Bei den meisten Nutzfahrzeuggruppen sind die Fahrleistungen höher und der Bestandsumschlag schneller als beim Pkw. Eine Ausnahme bilden kleine Lkw mit 3,5 bis 7,5 t zulässiger Gesamtmasse, in deren Gruppe sich auch viele ältere Fahrzeuge befinden und die etwa auch bei Handwerksbetrieben oder kleinen Bauunternehmen zum Einsatz kommen. Durch schnellen Bestandsumschlag und hohe Fahrleistungen zeichnen sich vor allem Sattelzugmaschinen aus, die mit etwa 90.000 km pro Jahr, die zu großen Teilen im Fernverkehr erbracht werden, die Fahrzeuggruppe mit der höchsten Jahresfahrleistung bilden. Bei ihnen wird außerdem fast der gesamte Fahrzeugbestand innerhalb eines Jahrzehnts ausgewechselt. Innovationen in den Fahrzeugen setzen sich bei Sattelzugmaschinen somit besonders schnell im Bestand durch. Allerdings ist bei dieser Fahrzeuggruppe zu beachten, dass ein großer Teil der in Deutschland absolvierten Fahrleistung (2014: 41 % der Fahrleistung auf Bundesautobahnen)Footnote 26 durch ausländische Sattelzugmaschinen erbracht werden. Insofern sind Bestand und Nutzungs-Charakteristika von in Deutschland zugelassenen Fahrzeugen bei dieser Gruppe weniger aussagekräftig für das bundesweite Verkehrsgeschehen als im Fall anderer Fahrzeuggruppen.

Herausgehoben seien noch die leichten Nutzfahrzeuge, die in den vergangenen Jahren stark an Bedeutung gewonnen haben. Dies gilt insbesondere für den Stadtverkehr, da diese Fahrzeuge vielfach für Lieferungen – etwa im Zustellverkehr für Onlinehandel – zum Einsatz kommen.
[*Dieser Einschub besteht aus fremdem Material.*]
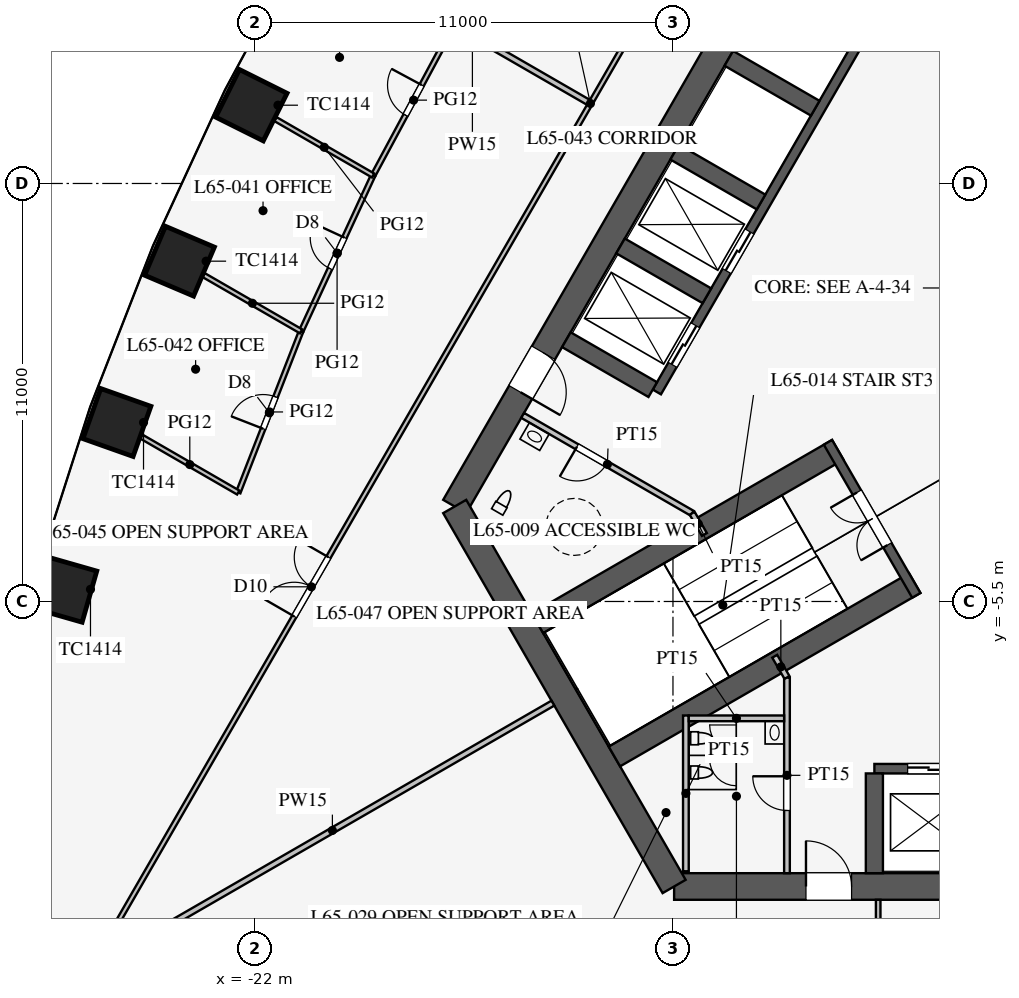
"""IFC4 building model, lengths in metres.
Left out: names, types, materials, properties, quantities, classifications, styles, units other than length and angle.
Written with IfcOpenShell. Run it as: python <this file> out.ifc"""

import sys

from ifc_helpers import new_model, si_unit, direction, frame, frame_2d, origin, origin_2d, place, context, subcontext, project, spatial, rectangle, extrude, element, fill, save


model = new_model("IFC4")
c1 = context("Model", 3, precision=1e-05, world=origin(), true_north=direction((0.0, 1.0)))
c2 = subcontext(c1, "Body", "Model", "MODEL_VIEW")
j1 = project(units=[si_unit("LENGTHUNIT", "METRE"), si_unit("PLANEANGLEUNIT", "RADIAN")], contexts=[c1])
p1 = place(None, origin())
s1 = spatial("IfcSite", under=j1, at=p1, CompositionType="ELEMENT")
p2 = place(p1, origin())
s2 = spatial("IfcBuilding", under=s1, at=p2, CompositionType="ELEMENT")
p3 = place(p2, frame((0.0, 0.0, 284.7)))
s3 = spatial("IfcBuildingStorey", under=s2, at=p3, CompositionType="ELEMENT", Elevation=284.7)
for number, where, z_axis, x_axis in (
    (1, (-22.094, 7.56, 0.0), (0.0, 0.0, 1.0), (-0.447, -0.895, 0.0)),
    (2, (-23.985, 3.455, 0.0), (0.0, 0.0, 1.0), (-0.391, -0.92, 0.0)),
    (3, (-25.632, -0.79, 0.0), (0.0, 0.0, 1.0), (-0.334, -0.942, 0.0)),
    (4, (-27.027, -5.18, 0.0), (0.0, 0.0, 1.0), (-0.275, -0.961, 0.0)),
):
    element("IfcColumn", number, at=place(p3, frame(where, z_axis=z_axis, x_axis=x_axis)), inside=s3, PredefinedType="COLUMN", context=c2, shape_type="SweptSolid", body=[
        extrude(rectangle(XDim=1.4, YDim=1.4, at=origin_2d()), origin(), (0.0, 0.0, 1.0), 4.2),
    ])
p4 = place(p3, frame((-10.97, -13.0, 0.0), z_axis=(0.0, 0.0, 1.0), x_axis=(1.0, 0.0, 0.0)))
e5 = element("IfcWall", 5, at=p4, inside=s3, PredefinedType="SHEAR", context=c2, shape_type="SweptSolid", body=[
    extrude(rectangle(XDim=21.939, YDim=0.7, at=frame_2d((10.97, 0.0))), origin(), (0.0, 0.0, 1.0), 4.2),
])
p5 = place(p4, frame((17.27, 0.0, 0.0)))
e6 = element("IfcOpeningElement", 6, at=p5, cuts=e5, PredefinedType="OPENING", context=c2, shape_type="SweptSolid", body=[
    extrude(rectangle(XDim=1.2, YDim=2.1, at=frame_2d((0.6, 1.05))), frame((0.0, 0.36, 0.0), z_axis=(0.0, -1.0, 0.0), x_axis=(1.0, 0.0, 0.0)), (0.0, 0.0, 1.0), 0.72),
])
p6 = place(p4, frame((3.47, 0.0, 0.0)))
e7 = element("IfcOpeningElement", 7, at=p6, cuts=e5, PredefinedType="OPENING", context=c2, shape_type="SweptSolid", body=[
    extrude(rectangle(XDim=1.2, YDim=2.1, at=frame_2d((0.6, 1.05))), frame((0.0, 0.36, 0.0), z_axis=(0.0, -1.0, 0.0), x_axis=(1.0, 0.0, 0.0)), (0.0, 0.0, 1.0), 0.72),
])
p7 = place(p3, frame((-5.773, 16.0, 0.0), z_axis=(0.0, 0.0, 1.0), x_axis=(-0.500002442456, -0.866023993627, 0.0)))
e8 = element("IfcWall", 8, at=p7, inside=s3, PredefinedType="SHEAR", context=c2, shape_type="SweptSolid", body=[
    extrude(rectangle(XDim=21.939, YDim=0.7, at=frame_2d((10.97, 0.0))), origin(), (0.0, 0.0, 1.0), 4.2),
])
p8 = place(p7, frame((17.27, 0.0, 0.0)))
e9 = element("IfcOpeningElement", 9, at=p8, cuts=e8, PredefinedType="OPENING", context=c2, shape_type="SweptSolid", body=[
    extrude(rectangle(XDim=1.2, YDim=2.1, at=frame_2d((0.6, 1.05))), frame((0.0, 0.36, 0.0), z_axis=(0.0, -1.0, 0.0), x_axis=(1.0, 0.0, 0.0)), (0.0, 0.0, 1.0), 0.72),
])
p9 = place(p7, frame((3.47, 0.0, 0.0)))
e10 = element("IfcOpeningElement", 10, at=p9, cuts=e8, PredefinedType="OPENING", context=c2, shape_type="SweptSolid", body=[
    extrude(rectangle(XDim=1.2, YDim=2.1, at=frame_2d((0.6, 1.05))), frame((0.0, 0.36, 0.0), z_axis=(0.0, -1.0, 0.0), x_axis=(1.0, 0.0, 0.0)), (0.0, 0.0, 1.0), 0.72),
])
p10 = place(p3, frame((-16.743, -3.0, 0.0), z_axis=(0.0, 0.0, 1.0), x_axis=(0.499995765644, -0.866027848477, 0.0)))
e11 = element("IfcWall", 11, at=p10, inside=s3, PredefinedType="SHEAR", context=c2, shape_type="SweptSolid", body=[
    extrude(rectangle(XDim=11.547, YDim=0.7, at=frame_2d((5.773, 0.0))), origin(), (0.0, 0.0, 1.0), 4.2),
])
p11 = place(p3, frame((-5.7, -9.9, 0.0), z_axis=(0.0, 0.0, 1.0), x_axis=(1.0, 0.0, 0.0)))
e12 = element("IfcWall", 12, at=p11, inside=s3, PredefinedType="SHEAR", context=c2, shape_type="SweptSolid", body=[
    extrude(rectangle(XDim=11.4, YDim=0.25, at=frame_2d((5.7, 0.0))), origin(), (0.0, 0.0, 1.0), 4.2),
])
p12 = place(p11, frame((0.875, 0.0, 0.0)))
e13 = element("IfcOpeningElement", 13, at=p12, cuts=e12, PredefinedType="OPENING", context=c2, shape_type="SweptSolid", body=[
    extrude(rectangle(XDim=1.1, YDim=2.2, at=frame_2d((0.55, 1.1))), frame((0.0, 0.135, 0.0), z_axis=(0.0, -1.0, 0.0), x_axis=(1.0, 0.0, 0.0)), (0.0, 0.0, 1.0), 0.27),
])
p13 = place(p11, frame((3.725, 0.0, 0.0)))
e14 = element("IfcOpeningElement", 14, at=p13, cuts=e12, PredefinedType="OPENING", context=c2, shape_type="SweptSolid", body=[
    extrude(rectangle(XDim=1.1, YDim=2.2, at=frame_2d((0.55, 1.1))), frame((0.0, 0.135, 0.0), z_axis=(0.0, -1.0, 0.0), x_axis=(1.0, 0.0, 0.0)), (0.0, 0.0, 1.0), 0.27),
])
p14 = place(p11, frame((6.575, 0.0, 0.0)))
e15 = element("IfcOpeningElement", 15, at=p14, cuts=e12, PredefinedType="OPENING", context=c2, shape_type="SweptSolid", body=[
    extrude(rectangle(XDim=1.1, YDim=2.2, at=frame_2d((0.55, 1.1))), frame((0.0, 0.135, 0.0), z_axis=(0.0, -1.0, 0.0), x_axis=(1.0, 0.0, 0.0)), (0.0, 0.0, 1.0), 0.27),
])
p15 = place(p11, frame((9.425, 0.0, 0.0)))
e16 = element("IfcOpeningElement", 16, at=p15, cuts=e12, PredefinedType="OPENING", context=c2, shape_type="SweptSolid", body=[
    extrude(rectangle(XDim=1.1, YDim=2.2, at=frame_2d((0.55, 1.1))), frame((0.0, 0.135, 0.0), z_axis=(0.0, -1.0, 0.0), x_axis=(1.0, 0.0, 0.0)), (0.0, 0.0, 1.0), 0.27),
])
p16 = place(p3, frame((-5.7, -10.025, 0.0), z_axis=(0.0, 0.0, 1.0), x_axis=(0.0, -1.0, 0.0)))
e17 = element("IfcWall", 17, at=p16, inside=s3, PredefinedType="SHEAR", context=c2, shape_type="SweptSolid", body=[
    extrude(rectangle(XDim=2.625, YDim=0.45, at=frame_2d((1.312, 0.0))), origin(), (0.0, 0.0, 1.0), 4.2),
])
p17 = place(p3, frame((-5.724, 9.886, 0.0), z_axis=(0.0, 0.0, 1.0), x_axis=(-0.500001763848, -0.866024385424, 0.0)))
e18 = element("IfcWall", 18, at=p17, inside=s3, PredefinedType="SHEAR", context=c2, shape_type="SweptSolid", body=[
    extrude(rectangle(XDim=11.4, YDim=0.25, at=frame_2d((5.7, 0.0))), origin(), (0.0, 0.0, 1.0), 4.2),
])
p18 = place(p17, frame((6.525, 0.0, 0.0)))
e19 = element("IfcOpeningElement", 19, at=p18, cuts=e18, PredefinedType="OPENING", context=c2, shape_type="SweptSolid", body=[
    extrude(rectangle(XDim=1.2, YDim=2.2, at=frame_2d((0.6, 1.1))), frame((0.0, 0.135, 0.0), z_axis=(0.0, -1.0, 0.0), x_axis=(1.0, 0.0, 0.0)), (0.0, 0.0, 1.0), 0.27),
])
p19 = place(p17, frame((9.375, 0.0, 0.0)))
e20 = element("IfcOpeningElement", 20, at=p19, cuts=e18, PredefinedType="OPENING", context=c2, shape_type="SweptSolid", body=[
    extrude(rectangle(XDim=1.2, YDim=2.2, at=frame_2d((0.6, 1.1))), frame((0.0, 0.135, 0.0), z_axis=(0.0, -1.0, 0.0), x_axis=(1.0, 0.0, 0.0)), (0.0, 0.0, 1.0), 0.27),
])
for number, where, z_axis, x_axis in (
    (21, (-7.257, 7.481, 0.0), (0.0, 0.0, 1.0), (-0.866, 0.5, 0.0)),
    (22, (-8.682, 5.012, 0.0), (0.0, 0.0, 1.0), (-0.866, 0.5, 0.0)),
    (23, (-10.107, 2.544, 0.0), (0.0, 0.0, 1.0), (-0.866, 0.5, 0.0)),
    (24, (-11.532, 0.076, 0.0), (0.0, 0.0, 1.0), (-0.866, 0.5, 0.0)),
):
    element("IfcWall", number, at=place(p3, frame(where, z_axis=z_axis, x_axis=x_axis)), inside=s3, PredefinedType="SHEAR", context=c2, shape_type="SweptSolid", body=[
        extrude(rectangle(XDim=2.625, YDim=0.45, at=frame_2d((1.312, 0.0))), origin(), (0.0, 0.0, 1.0), 4.2),
    ])
for number, where, z_axis, x_axis in (
    (25, (-6.663, -1.509, 0.0), (0.0, 0.0, 1.0), (-0.866, -0.5, 0.0)),
    (26, (-4.638, -5.016, 0.0), (0.0, 0.0, 1.0), (-0.866, -0.5, 0.0)),
):
    element("IfcWall", number, at=place(p3, frame(where, z_axis=z_axis, x_axis=x_axis)), inside=s3, PredefinedType="SHEAR", context=c2, shape_type="SweptSolid", body=[
        extrude(rectangle(XDim=9.125, YDim=0.6, at=frame_2d((4.562, 0.0))), origin(), (0.0, 0.0, 1.0), 4.2),
    ])
p20 = place(p3, frame((-6.922, -1.312, 0.0), z_axis=(0.0, 0.0, 1.0), x_axis=(0.499984536904, -0.866034331223, 0.0)))
e27 = element("IfcWall", 27, at=p20, inside=s3, PredefinedType="SHEAR", context=c2, shape_type="SweptSolid", body=[
    extrude(rectangle(XDim=4.65, YDim=0.25, at=frame_2d((2.325, 0.0))), origin(), (0.0, 0.0, 1.0), 4.2),
])
p21 = place(p20, frame((1.525, 0.0, 0.0)))
e28 = element("IfcOpeningElement", 28, at=p21, cuts=e27, PredefinedType="OPENING", context=c2, shape_type="SweptSolid", body=[
    extrude(rectangle(XDim=1.6, YDim=2.1, at=frame_2d((0.8, 1.05))), frame((0.0, 0.135, 0.0), z_axis=(0.0, -1.0, 0.0), x_axis=(1.0, 0.0, 0.0)), (0.0, 0.0, 1.0), 0.27),
])
p22 = place(p3, frame((-8.0, -7.5, 0.0), z_axis=(0.0, 0.0, 1.0), x_axis=(0.0, -1.0, 0.0)))
e29 = element("IfcWall", 29, at=p22, inside=s3, PredefinedType="PARTITIONING", context=c2, shape_type="SweptSolid", body=[
    extrude(rectangle(XDim=5.15, YDim=0.15, at=frame_2d((2.575, 0.0))), origin(), (0.0, 0.0, 1.0), 4.0),
])
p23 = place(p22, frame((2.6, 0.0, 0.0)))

Sie sind damit auch stark an einem wachsenden Güterverkehr in Wohngebieten beteiligt, die ursprünglich nicht für diesen, sondern vor allem für den Verkehr der Bevölkerung ausgelegt wurden. Damit tragen leichte Nutzfahrzeuge in besonderem Maße zu Herausforderungen im städtischen Verkehr und zu dortigen Emissionen bei, was in den vergangenen Jahren vor allem in diesem Segment zu Anstrengungen mit Blick auf eine Antriebsumstellung beigetragen hat.